Dua aplikasi yang berpotensi berbahaya dengan banyak unduhan telah dihapus dari Google Play Store, laporkan pakar keamanan siber Fox-IT (melalui BleepingComputer).
Aplikasi antivirus Mister Phone Cleaner dan Kylhavy Mobile Security secara kolektif diinstal 60.000 kali dan tujuan mereka adalah untuk mencuri login perbankan dengan menginstal versi berevolusi dari yang terkenal Malware SharkBot.

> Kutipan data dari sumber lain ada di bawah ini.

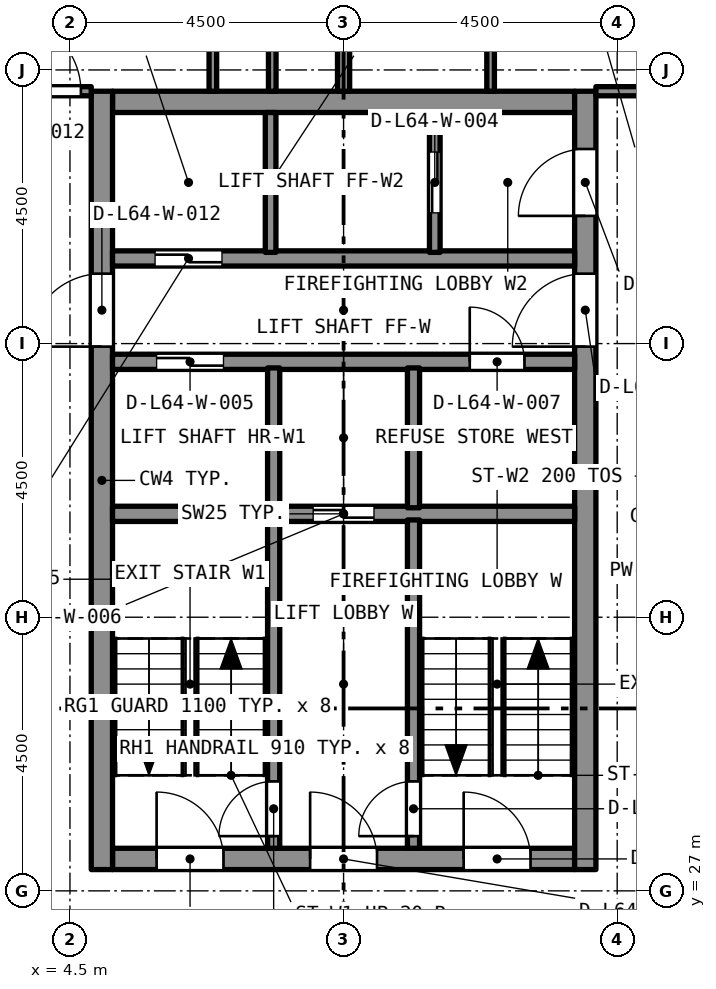
"""IFC4 building model, lengths in metres.
Left out: names, types, materials, properties, quantities, classifications, styles, units other than length and angle.
Written with IfcOpenShell. Run it as: python <this file> out.ifc"""

import sys

from ifc_helpers import new_model, si_unit, direction, frame, frame_2d, origin, place, context, subcontext, project, spatial, rectangle, extrude, element, fill, save


model = new_model("IFC4")
c1 = context("Model", 3, precision=1e-05, world=origin(), true_north=direction((0.0, 1.0)))
c2 = subcontext(c1, "Body", "Model", "MODEL_VIEW")
j1 = project(units=[si_unit("LENGTHUNIT", "METRE"), si_unit("PLANEANGLEUNIT", "RADIAN")], contexts=[c1])
p1 = place(None, origin())
s1 = spatial("IfcSite", under=j1, at=p1, CompositionType="ELEMENT")
p2 = place(p1, origin())
s2 = spatial("IfcBuilding", under=s1, at=p2, CompositionType="ELEMENT")
p3 = place(p2, frame((0.0, 0.0, 229.295)))
s3 = spatial("IfcBuildingStorey", under=s2, at=p3, CompositionType="ELEMENT", Elevation=229.295)
p4 = place(p3, frame((5.2, 27.525, 0.0), z_axis=(0.0, 0.0, 1.0), x_axis=(1.0, 0.0, 0.0)))
e1 = element("IfcWall", 1, at=p4, inside=s3, PredefinedType="SOLIDWALL", context=c2, shape_type="SweptSolid", body=[
    extrude(rectangle(XDim=7.6, YDim=0.35, at=frame_2d((3.8, 0.0))), origin(), (0.0, 0.0, 1.0), 3.2),
])
p5 = place(p4, frame((0.725, 0.0, 0.0)))
e2 = element("IfcOpeningElement", 2, at=p5, cuts=e1, PredefinedType="OPENING", context=c2, shape_type="SweptSolid", body=[
    extrude(rectangle(XDim=1.1, YDim=2.1, at=frame_2d((0.55, 1.05))), frame((0.0, 0.185, 0.0), z_axis=(0.0, -1.0, 0.0), x_axis=(1.0, 0.0, 0.0)), (0.0, 0.0, 1.0), 0.37),
])
p6 = place(p4, frame((3.25, 0.0, 0.0)))
e3 = element("IfcOpeningElement", 3, at=p6, cuts=e1, PredefinedType="OPENING", context=c2, shape_type="SweptSolid", body=[
    extrude(rectangle(XDim=1.1, YDim=2.1, at=frame_2d((0.55, 1.05))), frame((0.0, 0.185, 0.0), z_axis=(0.0, -1.0, 0.0), x_axis=(1.0, 0.0, 0.0)), (0.0, 0.0, 1.0), 0.37),
])
p7 = place(p4, frame((5.775, 0.0, 0.0)))
e4 = element("IfcOpeningElement", 4, at=p7, cuts=e1, PredefinedType="OPENING", context=c2, shape_type="SweptSolid", body=[
    extrude(rectangle(XDim=1.1, YDim=2.1, at=frame_2d((0.55, 1.05))), frame((0.0, 0.185, 0.0), z_axis=(0.0, -1.0, 0.0), x_axis=(1.0, 0.0, 0.0)), (0.0, 0.0, 1.0), 0.37),
])
p8 = place(p3, frame((5.2, 39.975, 0.0), z_axis=(0.0, 0.0, 1.0), x_axis=(1.0, 0.0, 0.0)))
e5 = element("IfcWall", 5, at=p8, inside=s3, PredefinedType="SOLIDWALL", context=c2, shape_type="SweptSolid", body=[
    extrude(rectangle(XDim=7.6, YDim=0.35, at=frame_2d((3.8, 0.0))), origin(), (0.0, 0.0, 1.0), 3.2),
])
p9 = place(p3, frame((5.025, 27.35, 0.0), z_axis=(0.0, 0.0, 1.0), x_axis=(0.0, 1.0, 0.0)))
e6 = element("IfcWall", 6, at=p9, inside=s3, PredefinedType="SOLIDWALL", context=c2, shape_type="SweptSolid", body=[
    extrude(rectangle(XDim=12.8, YDim=0.35, at=frame_2d((6.4, 0.0))), origin(), (0.0, 0.0, 1.0), 3.2),
])
p10 = place(p9, frame((8.6, 0.0, 0.0)))
e7 = element("IfcOpeningElement", 7, at=p10, cuts=e6, PredefinedType="OPENING", context=c2, shape_type="SweptSolid", body=[
    extrude(rectangle(XDim=1.2, YDim=2.1, at=frame_2d((0.6, 1.05))), frame((0.0, 0.185, 0.0), z_axis=(0.0, -1.0, 0.0), x_axis=(1.0, 0.0, 0.0)), (0.0, 0.0, 1.0), 0.37),
])
p11 = place(p3, frame((12.975, 27.35, 0.0), z_axis=(0.0, 0.0, 1.0), x_axis=(0.0, 1.0, 0.0)))
e8 = element("IfcWall", 8, at=p11, inside=s3, PredefinedType="SOLIDWALL", context=c2, shape_type="SweptSolid", body=[
    extrude(rectangle(XDim=12.8, YDim=0.35, at=frame_2d((6.4, 0.0))), origin(), (0.0, 0.0, 1.0), 3.2),
])
p12 = place(p11, frame((10.75, 0.0, 0.0)))
e9 = element("IfcOpeningElement", 9, at=p12, cuts=e8, PredefinedType="OPENING", context=c2, shape_type="SweptSolid", body=[
    extrude(rectangle(XDim=1.1, YDim=2.1, at=frame_2d((0.55, 1.05))), frame((0.0, 0.185, 0.0), z_axis=(0.0, -1.0, 0.0), x_axis=(1.0, 0.0, 0.0)), (0.0, 0.0, 1.0), 0.37),
])
p13 = place(p11, frame((8.6, 0.0, 0.0)))
e10 = element("IfcOpeningElement", 10, at=p13, cuts=e8, PredefinedType="OPENING", context=c2, shape_type="SweptSolid", body=[
    extrude(rectangle(XDim=1.2, YDim=2.1, at=frame_2d((0.6, 1.05))), frame((0.0, 0.185, 0.0), z_axis=(0.0, -1.0, 0.0), x_axis=(1.0, 0.0, 0.0)), (0.0, 0.0, 1.0), 0.37),
])
p14 = place(p3, frame((6.85, 43.683, 0.0), z_axis=(0.0, 0.0, 1.0), x_axis=(0.0, -1.0, 0.0)))
e11 = element("IfcWall", 11, at=p14, inside=s3, PredefinedType="PARTITIONING", context=c2, shape_type="SweptSolid", body=[
    extrude(rectangle(XDim=3.533, YDim=0.125, at=frame_2d((1.766, 0.0))), origin(), (0.0, 0.0, 1.0), 2.9),
])
p15 = place(p14, frame((0.183, 0.0, 0.0)))
e12 = element("IfcOpeningElement", 12, at=p15, cuts=e11, PredefinedType="OPENING", context=c2, shape_type="SweptSolid", body=[
    extrude(rectangle(XDim=0.8, YDim=2.1, at=frame_2d((0.4, 1.05))), frame((0.0, 0.073, 0.0), z_axis=(0.0, -1.0, 0.0), x_axis=(1.0, 0.0, 0.0)), (0.0, 0.0, 1.0), 0.145),
])
p16 = place(p3, frame((7.827, 40.15, 0.0), z_axis=(0.0, 0.0, 1.0), x_axis=(0.0, 1.0, 0.0)))
e13 = element("IfcWall", 13, at=p16, inside=s3, PredefinedType="PARTITIONING", context=c2, shape_type="SweptSolid", body=[
    extrude(rectangle(XDim=3.408, YDim=0.125, at=frame_2d((1.704, 0.0))), origin(), (0.0, 0.0, 1.0), 2.9),
])
p17 = place(p3, frame((3.35, 40.15, 0.0), z_axis=(0.0, 0.0, 1.0), x_axis=(1.0, 0.0, 0.0)))
e14 = element("IfcWall", 14, at=p17, inside=s3, PredefinedType="PARTITIONING", context=c2, shape_type="SweptSolid", body=[
    extrude(rectangle(XDim=1.5, YDim=0.15, at=frame_2d((0.75, 0.0))), origin(), (0.0, 0.0, 1.0), 2.9),
])
p18 = place(p17, frame((0.13, 0.0, 0.0)))
e15 = element("IfcOpeningElement", 15, at=p18, cuts=e14, PredefinedType="OPENING", context=c2, shape_type="SweptSolid", body=[
    extrude(rectangle(XDim=1.2, YDim=2.4, at=frame_2d((0.6, 1.2))), frame((0.0, 0.085, 0.0), z_axis=(0.0, -1.0, 0.0), x_axis=(1.0, 0.0, 0.0)), (0.0, 0.0, 1.0), 0.17),
])
p19 = place(p3, frame((9.0, 40.15, 0.0), z_axis=(0.0, 0.0, 1.0), x_axis=(0.0, 1.0, 0.0)))
e16 = element("IfcWall", 16, at=p19, inside=s3, PredefinedType="PARTITIONING", context=c2, shape_type="SweptSolid", body=[
    extrude(rectangle(XDim=8.95, YDim=0.2, at=frame_2d((4.475, 0.0))), origin(), (0.0, 0.0, 1.0), 2.9),
])
p20 = place(p3, frame((11.418, 40.15, 0.0), z_axis=(0.0, 0.0, 1.0), x_axis=(0.0, 1.0, 0.0)))
e17 = element("IfcWall", 17, at=p20, inside=s3, PredefinedType="PARTITIONING", context=c2, shape_type="SweptSolid", body=[
    extrude(rectangle(XDim=2.248, YDim=0.125, at=frame_2d((1.124, 0.0))), origin(), (0.0, 0.0, 1.0), 2.9),
])
p21 = place(p3, frame((13.15, 40.15, 0.0), z_axis=(0.0, 0.0, 1.0), x_axis=(1.0, 0.0, 0.0)))
e18 = element("IfcWall", 18, at=p21, inside=s3, PredefinedType="PARTITIONING", context=c2, shape_type="SweptSolid", body=[
    extrude(rectangle(XDim=1.8, YDim=0.15, at=frame_2d((0.9, 0.0))), origin(), (0.0, 0.0, 1.0), 2.9),
])
p22 = place(p3, frame((5.2, 33.2, 0.0), z_axis=(0.0, 0.0, 1.0), x_axis=(1.0, 0.0, 0.0)))
e19 = element("IfcWall", 19, at=p22, inside=s3, PredefinedType="SOLIDWALL", context=c2, shape_type="SweptSolid", body=[
    extrude(rectangle(XDim=7.6, YDim=0.25, at=frame_2d((3.8, 0.0))), origin(), (0.0, 0.0, 1.0), 2.9),
])
p23 = place(p22, frame((3.3, 0.0, 0.0)))
e20 = element("IfcOpeningElement", 20, at=p23, cuts=e19, PredefinedType="OPENING", context=c2, shape_type="SweptSolid", body=[
    extrude(rectangle(XDim=1.0, YDim=2.1, at=frame_2d((0.5, 1.05))), frame((0.0, 0.135, 0.0), z_axis=(0.0, -1.0, 0.0), x_axis=(1.0, 0.0, 0.0)), (0.0, 0.0, 1.0), 0.27),
])
p24 = place(p3, frame((5.2, 35.7, 0.0), z_axis=(0.0, 0.0, 1.0), x_axis=(1.0, 0.0, 0.0)))
e21 = element("IfcWall", 21, at=p24, inside=s3, PredefinedType="SOLIDWALL", context=c2, shape_type="SweptSolid", body=[
    extrude(rectangle(XDim=7.6, YDim=0.25, at=frame_2d((3.8, 0.0))), origin(), (0.0, 0.0, 1.0), 2.9),
])
p25 = place(p24, frame((0.725, 0.0, 0.0)))
e22 = element("IfcOpeningElement", 22, at=p25, cuts=e21, PredefinedType="OPENING", context=c2, shape_type="SweptSolid", body=[
    extrude(rectangle(XDim=1.1, YDim=2.4, at=frame_2d((0.55, 1.2))), frame((0.0, 0.135, 0.0), z_axis=(0.0, -1.0, 0.0), x_axis=(1.0, 0.0, 0.0)), (0.0, 0.0, 1.0), 0.27),
])
p26 = place(p24, frame((5.875, 0.0, 0.0)))
e23 = element("IfcOpeningElement", 23, at=p26, cuts=e21, PredefinedType="OPENING", context=c2, shape_type="SweptSolid", body=[
    extrude(rectangle(XDim=0.9, YDim=2.1, at=frame_2d((0.45, 1.05))), frame((0.0, 0.135, 0.0), z_axis=(0.0, -1.0, 0.0), x_axis=(1.0, 0.0, 0.0)), (0.0, 0.0, 1.0), 0.27),
])
p27 = place(p3, frame((5.2, 37.4, 0.0), z_axis=(0.0, 0.0, 1.0), x_axis=(1.0, 0.0, 0.0)))
e24 = element("IfcWall", 24, at=p27, inside=s3, PredefinedType="SOLIDWALL", context=c2, shape_type="SweptSolid", body=[
    extrude(rectangle(XDim=7.6, YDim=0.25, at=frame_2d((3.8, 0.0))), origin(), (0.0, 0.0, 1.0), 2.9),
])
p28 = place(p27, frame((0.7, 0.0, 0.0)))
e25 = element("IfcOpeningElement", 25, at=p28, cuts=e24, PredefinedType="OPENING", context=c2, shape_type="SweptSolid", body=[
    extrude(rectangle(XDim=1.1, YDim=2.4, at=frame_2d((0.55, 1.2))), frame((0.0, 0.135, 0.0), z_axis=(0.0, -1.0, 0.0), x_axis=(1.0, 0.0, 0.0)), (0.0, 0.0, 1.0), 0.27),
])
p29 = place(p3, frame((7.85, 27.7, 0.0), z_axis=(0.0, 0.0, 1.0), x_axis=(0.0, 1.0, 0.0)))
e26 = element("IfcWall", 26, at=p29, inside=s3, PredefinedType="SOLIDWALL", context=c2, shape_type="SweptSolid", body=[
    extrude(rectangle(XDim=5.4, YDim=0.2, at=frame_2d((2.7, 0.0))), origin(), (0.0, 0.0, 1.0), 2.9),
])
p30 = place(p29, frame((0.2, 0.0, 0.0)))
e27 = element("IfcOpeningElement", 27, at=p30, cuts=e26, PredefinedType="OPENING", context=c2, shape_type="SweptSolid", body=[
    extrude(rectangle(XDim=0.9, YDim=2.1, at=frame_2d((0.45, 1.05))), frame((0.0, 0.11, 0.0), z_axis=(0.0, -1.0, 0.0), x_axis=(1.0, 0.0, 0.0)), (0.0, 0.0, 1.0), 0.22),
])
p31 = place(p3, frame((10.15, 27.7, 0.0), z_axis=(0.0, 0.0, 1.0), x_axis=(0.0, 1.0, 0.0)))
e28 = element("IfcWall", 28, at=p31, inside=s3, PredefinedType="SOLIDWALL", context=c2, shape_type="SweptSolid", body=[
    extrude(rectangle(XDim=5.4, YDim=0.2, at=frame_2d((2.7, 0.0))), origin(), (0.0, 0.0, 1.0), 2.9),
])
p32 = place(p31, frame((0.2, 0.0, 0.0)))
e29 = element("IfcOpeningElement", 29, at=p32, cuts=e28, PredefinedType="OPENING", context=c2, shape_type="SweptSolid", body=[
    extrude(rectangle(XDim=0.9, YDim=2.1, at=frame_2d((0.45, 1.05))), frame((0.0, 0.11, 0.0), z_axis=(0.0, -1.0, 0.0), x_axis=(1.0, 0.0, 0.0)), (0.0, 0.0, 1.0), 0.22),
])
for number, where, z_axis, x_axis in (
    (30, (7.85, 33.3, 0.0), (0.0, 0.0, 1.0), (0.0, 1.0, 0.0)),
    (31, (10.15, 33.3, 0.0), (0.0, 0.0, 1.0), (0.0, 1.0, 0.0)),
):
    element("IfcWall", number, at=place(p3, frame(where, z_axis=z_axis, x_axis=x_axis)), inside=s3, PredefinedType="SOLIDWALL", context=c2, shape_type="SweptSolid", body=[
        extrude(rectangle(XDim=2.3, YDim=0.2, at=frame_2d((1.15, 0.0))), origin(), (0.0, 0.0, 1.0), 2.9),
    ])
p33 = place(p3, frame((7.8, 37.5, 0.0), z_axis=(0.0, 0.0, 1.0), x_axis=(0.0, 1.0, 0.0)))
e32 = element("IfcWall", 32, at=p33, inside=s3, PredefinedType="SOLIDWALL", context=c2, shape_type="SweptSolid", body=[
    extrude(rectangle(XDim=2.3, YDim=0.175, at=frame_2d((1.15, 0.0))), origin(), (0.0, 0.0, 1.0), 2.9),
])
p34 = place(p3, frame((10.5, 37.5, 0.0), z_axis=(0.0, 0.0, 1.0), x_axis=(0.0, 1.0, 0.0)))
e33 = element("IfcWall", 33, at=p34, inside=s3, PredefinedType="SOLIDWALL", context=c2, shape_type="SweptSolid", body=[
    extrude(rectangle(XDim=2.3, YDim=0.175, at=frame_2d((1.15, 0.0))), origin(), (0.0, 0.0, 1.0), 2.9),
])
p35 = place(p34, frame((0.65, 0.0, 0.0)))
e34 = element("IfcOpeningElement", 34, at=p35, cuts=e33, PredefinedType="OPENING", context=c2, shape_type="SweptSolid", body=[
    extrude(rectangle(XDim=1.0, YDim=2.1, at=frame_2d((0.5, 1.05))), frame((0.0, 0.097, 0.0), z_axis=(0.0, -1.0, 0.0), x_axis=(1.0, 0.0, 0.0)), (0.0, 0.0, 1.0), 0.195),
])
p36 = place(p18, origin())
e35 = element("IfcDoor", 35, at=p36, inside=s3, OperationType="SINGLE_SWING_LEFT", PredefinedType="DOOR", context=c2, shape_type="SweptSolid", body=[
    extrude(rectangle(XDim=1.2, YDim=2.4, at=frame_2d((0.6, 1.2))), frame((0.0, 0.025, 0.0), z_axis=(0.0, -1.0, 0.0), x_axis=(1.0, 0.0, 0.0)), (0.0, 0.0, 1.0), 0.05),
])
fill(e15, e35)
p37 = place(p30, origin())
e36 = element("IfcDoor", 36, at=p37, inside=s3, OperationType="SINGLE_SWING_LEFT", PredefinedType="DOOR", context=c2, shape_type="SweptSolid", body=[
    extrude(rectangle(XDim=0.9, YDim=2.1, at=frame_2d((0.45, 1.05))), frame((0.0, 0.025, 0.0), z_axis=(0.0, -1.0, 0.0), x_axis=(1.0, 0.0, 0.0)), (0.0, 0.0, 1.0), 0.05),
])
fill(e27, e36)
p38 = place(p32, origin())
e37 = element("IfcDoor", 37, at=p38, inside=s3, OperationType="SINGLE_SWING_LEFT", PredefinedType="DOOR", context=c2, shape_type="SweptSolid", body=[
    extrude(rectangle(XDim=0.9, YDim=2.1, at=frame_2d((0.45, 1.05))), frame((0.0, 0.025, 0.0), z_axis=(0.0, -1.0, 0.0), x_axis=(1.0, 0.0, 0.0)), (0.0, 0.0, 1.0), 0.05),
])
fill(e29, e37)
p39 = place(p28, origin())
e38 = element("IfcDoor", 38, at=p39, inside=s3, OperationType="SLIDING_TO_LEFT", PredefinedType="DOOR", context=c2, shape_type="SweptSolid", body=[
    extrude(rectangle(XDim=1.1, YDim=2.4, at=frame_2d((0.55, 1.2))), frame((0.0, 0.025, 0.0), z_axis=(0.0, -1.0, 0.0), x_axis=(1.0, 0.0, 0.0)), (0.0, 0.0, 1.0), 0.05),
])
fill(e25, e38)
p40 = place(p35, origin())
e39 = element("IfcDoor", 39, at=p40, inside=s3, OperationType="SLIDING_TO_LEFT", PredefinedType="DOOR", context=c2, shape_type="SweptSolid", body=[
    extrude(rectangle(XDim=1.0, YDim=2.1, at=frame_2d((0.5, 1.05))), frame((0.0, 0.025, 0.0), z_axis=(0.0, -1.0, 0.0), x_axis=(1.0, 0.0, 0.0)), (0.0, 0.0, 1.0), 0.05),
])
fill(e34, e39)
p41 = place(p25, origin())
e40 = element("IfcDoor", 40, at=p41, inside=s3, OperationType="SLIDING_TO_LEFT", PredefinedType="DOOR", context=c2, shape_type="SweptSolid", body=[
    extrude(rectangle(XDim=1.1, YDim=2.4, at=frame_2d((0.55, 1.2))), frame((0.0, 0.025, 0.0), z_axis=(0.0, -1.0, 0.0), x_axis=(1.0, 0.0, 0.0)), (0.0, 0.0, 1.0), 0.05),
])
fill(e22, e40)
p42 = place(p23, origin())
e41 = element("IfcDoor", 41, at=p42, inside=s3, OperationType="SLIDING_TO_LEFT", PredefinedType="DOOR", context=c2, shape_type="SweptSolid", body=[
    extrude(rectangle(XDim=1.0, YDim=2.1, at=frame_2d((0.5, 1.05))), frame((0.0, 0.025, 0.0), z_axis=(0.0, -1.0, 0.0), x_axis=(1.0, 0.0, 0.0)), (0.0, 0.0, 1.0), 0.05),
])
fill(e20, e41)
p43 = place(p26, origin())
e42 = element("IfcDoor", 42, at=p43, inside=s3, OperationType="SINGLE_SWING_LEFT", PredefinedType="DOOR", context=c2, shape_type="SweptSolid", body=[
    extrude(rectangle(XDim=0.9, YDim=2.1, at=frame_2d((0.45, 1.05))), frame((0.0, 0.025, 0.0), z_axis=(0.0, -1.0, 0.0), x_axis=(1.0, 0.0, 0.0)), (0.0, 0.0, 1.0), 0.05),
])
fill(e23, e42)
p44 = place(p5, origin())
e43 = element("IfcDoor", 43, at=p44, inside=s3, OperationType="SINGLE_SWING_LEFT", PredefinedType="DOOR", context=c2, shape_type="SweptSolid", body=[
    extrude(rectangle(XDim=1.1, YDim=2.1, at=frame_2d((0.55, 1.05))), frame((0.0, 0.025, 0.0), z_axis=(0.0, -1.0, 0.0), x_axis=(1.0, 0.0, 0.0)), (0.0, 0.0, 1.0), 0.05),
])
fill(e2, e43)
p45 = place(p6, origin())
e44 = element("IfcDoor", 44, at=p45, inside=s3, OperationType="SINGLE_SWING_LEFT", PredefinedType="DOOR", context=c2, shape_type="SweptSolid", body=[
    extrude(rectangle(XDim=1.1, YDim=2.1, at=frame_2d((0.55, 1.05))), frame((0.0, 0.025, 0.0), z_axis=(0.0, -1.0, 0.0), x_axis=(1.0, 0.0, 0.0)), (0.0, 0.0, 1.0), 0.05),
])
fill(e3, e44)
p46 = place(p7, origin())
e45 = element("IfcDoor", 45, at=p46, inside=s3, OperationType="SINGLE_SWING_LEFT", PredefinedType="DOOR", context=c2, shape_type="SweptSolid", body=[
    extrude(rectangle(XDim=1.1, YDim=2.1, at=frame_2d((0.55, 1.05))), frame((0.0, 0.025, 0.0), z_axis=(0.0, -1.0, 0.0), x_axis=(1.0, 0.0, 0.0)), (0.0, 0.0, 1.0), 0.05),
])
fill(e4, e45)
p47 = place(p12, origin())
e46 = element("IfcDoor", 46, at=p47, inside=s3, OperationType="SINGLE_SWING_LEFT", PredefinedType="DOOR", context=c2, shape_type="SweptSolid", body=[
    extrude(rectangle(XDim=1.1, YDim=2.1, at=frame_2d((0.55, 1.05))), frame((0.0, 0.025, 0.0), z_axis=(0.0, -1.0, 0.0), x_axis=(1.0, 0.0, 0.0)), (0.0, 0.0, 1.0), 0.05),
])
fill(e9, e46)
p48 = place(p10, origin())
e47 = element("IfcDoor", 47, at=p48, inside=s3, OperationType="SINGLE_SWING_LEFT", PredefinedType="DOOR", context=c2, shape_type="SweptSolid", body=[
    extrude(rectangle(XDim=1.2, YDim=2.1, at=frame_2d((0.6, 1.05))), frame((0.0, 0.025, 0.0), z_axis=(0.0, -1.0, 0.0), x_axis=(1.0, 0.0, 0.0)), (0.0, 0.0, 1.0), 0.05),
])
fill(e7, e47)
p49 = place(p13, origin())
e48 = element("IfcDoor", 48, at=p49, inside=s3, OperationType="SINGLE_SWING_LEFT", PredefinedType="DOOR", context=c2, shape_type="SweptSolid", body=[
    extrude(rectangle(XDim=1.2, YDim=2.1, at=frame_2d((0.6, 1.05))), frame((0.0, 0.025, 0.0), z_axis=(0.0, -1.0, 0.0), x_axis=(1.0, 0.0, 0.0)), (0.0, 0.0, 1.0), 0.05),
])
fill(e10, e48)
save(model, sys.argv[1])

Aplikasi awalnya berhasil masuk ke app store karena tidak mengandung kode berbahaya apa pun yang akan menyebabkan Google menolaknya. Mister Phone Cleaner dan Kylhavy Mobile Security adalah aplikasi penetes atau pembantu, dibuat untuk mengirimkan malware ke ponsel Android.
Setelah diinstal, pengguna diminta untuk menginstal pembaruan agar tetap terlindungi dari ancaman, yang pada dasarnya adalah cara untuk menginstal SharkBot di ponsel korban.

Meskipun aplikasi ini tidak lagi tersedia di Play Store, pengguna yang mengunduhnya sebelumnya harus menghapusnya dari ponsel atau menanggung risiko.

Aplikasi penetes SharkBot ingin mencuri info perbankan

SharkBot pertama kali ditemukan pada akhir tahun 2021 dan aplikasi pertama dengannya ditemukan di Play Store pada bulan Maret tahun ini. Modus operasi pada saat itu adalah mencuri informasi melalui keylogging, mencegat pesan teks, menipu pengguna menggunakan serangan overlay layar untuk membocorkan informasi sensitif, atau memberikan remote control kepada penjahat cyber dari perangkat yang terinfeksi dengan menyalahgunakan Layanan Aksesibilitas.

Versi upgrade yang disebut SharkBot 2 terlihat pada bulan Mei dan pada tanggal 22 Agustus, Fox-IT menemukan versi 2.25 yang mampu mencuri cookie dari login rekening bank. Aplikasi yang baru ditemukan dengan SharkBot 2.25 tidak menyalahgunakan Layanan Aksesibilitas dan juga tidak memerlukan fitur Balasan Langsung karena ini dapat mempersulit mereka untuk disetujui di Play Store.

Mereka malah meminta server perintah-dan-kontrol untuk langsung menerima file APK Sharkbot. Setelah itu, aplikasi penetes memberi tahu pengguna tentang pembaruan dan meminta mereka untuk menginstal APK dan mengizinkan izin yang diperlukan.

Untuk menghindari deteksi otomatis, SharkBot menyimpan konfigurasi hard-code dalam bentuk terenkripsi.

Menggunakan pencatat cookie, SharkBot menyedot cookie sesi yang valid saat pengguna masuk ke rekening bank mereka dan mengirimkannya ke server perintah-dan-kontrol. Cookie sangat berharga bagi pelaku ancaman karena membantu mereka menghindari pemeriksaan sidik jari dan menghindari persyaratan token otentikasi pengguna dalam beberapa kasus.

Malware tersebut mampu mencuri data seperti kata sandi dan saldo akun dari aplikasi perbankan resmi. Untuk beberapa aplikasi, itu dapat menghindari login sidik jari.

SharkBot tampaknya menargetkan pengguna di Australia, Austria, Jerman, Italia, Polandia, Spanyol, Inggris, dan AS.

Pengembang masih bekerja keras untuk meningkatkan malware dan Fox-IT mengharapkan lebih banyak kampanye di masa depan.

Untuk menghindari menjadi mangsa aplikasi semacam itu, jangan unduh aplikasi dari penerbit yang tidak dikenal, terutama yang tampaknya tidak populer dan juga melalui ulasan.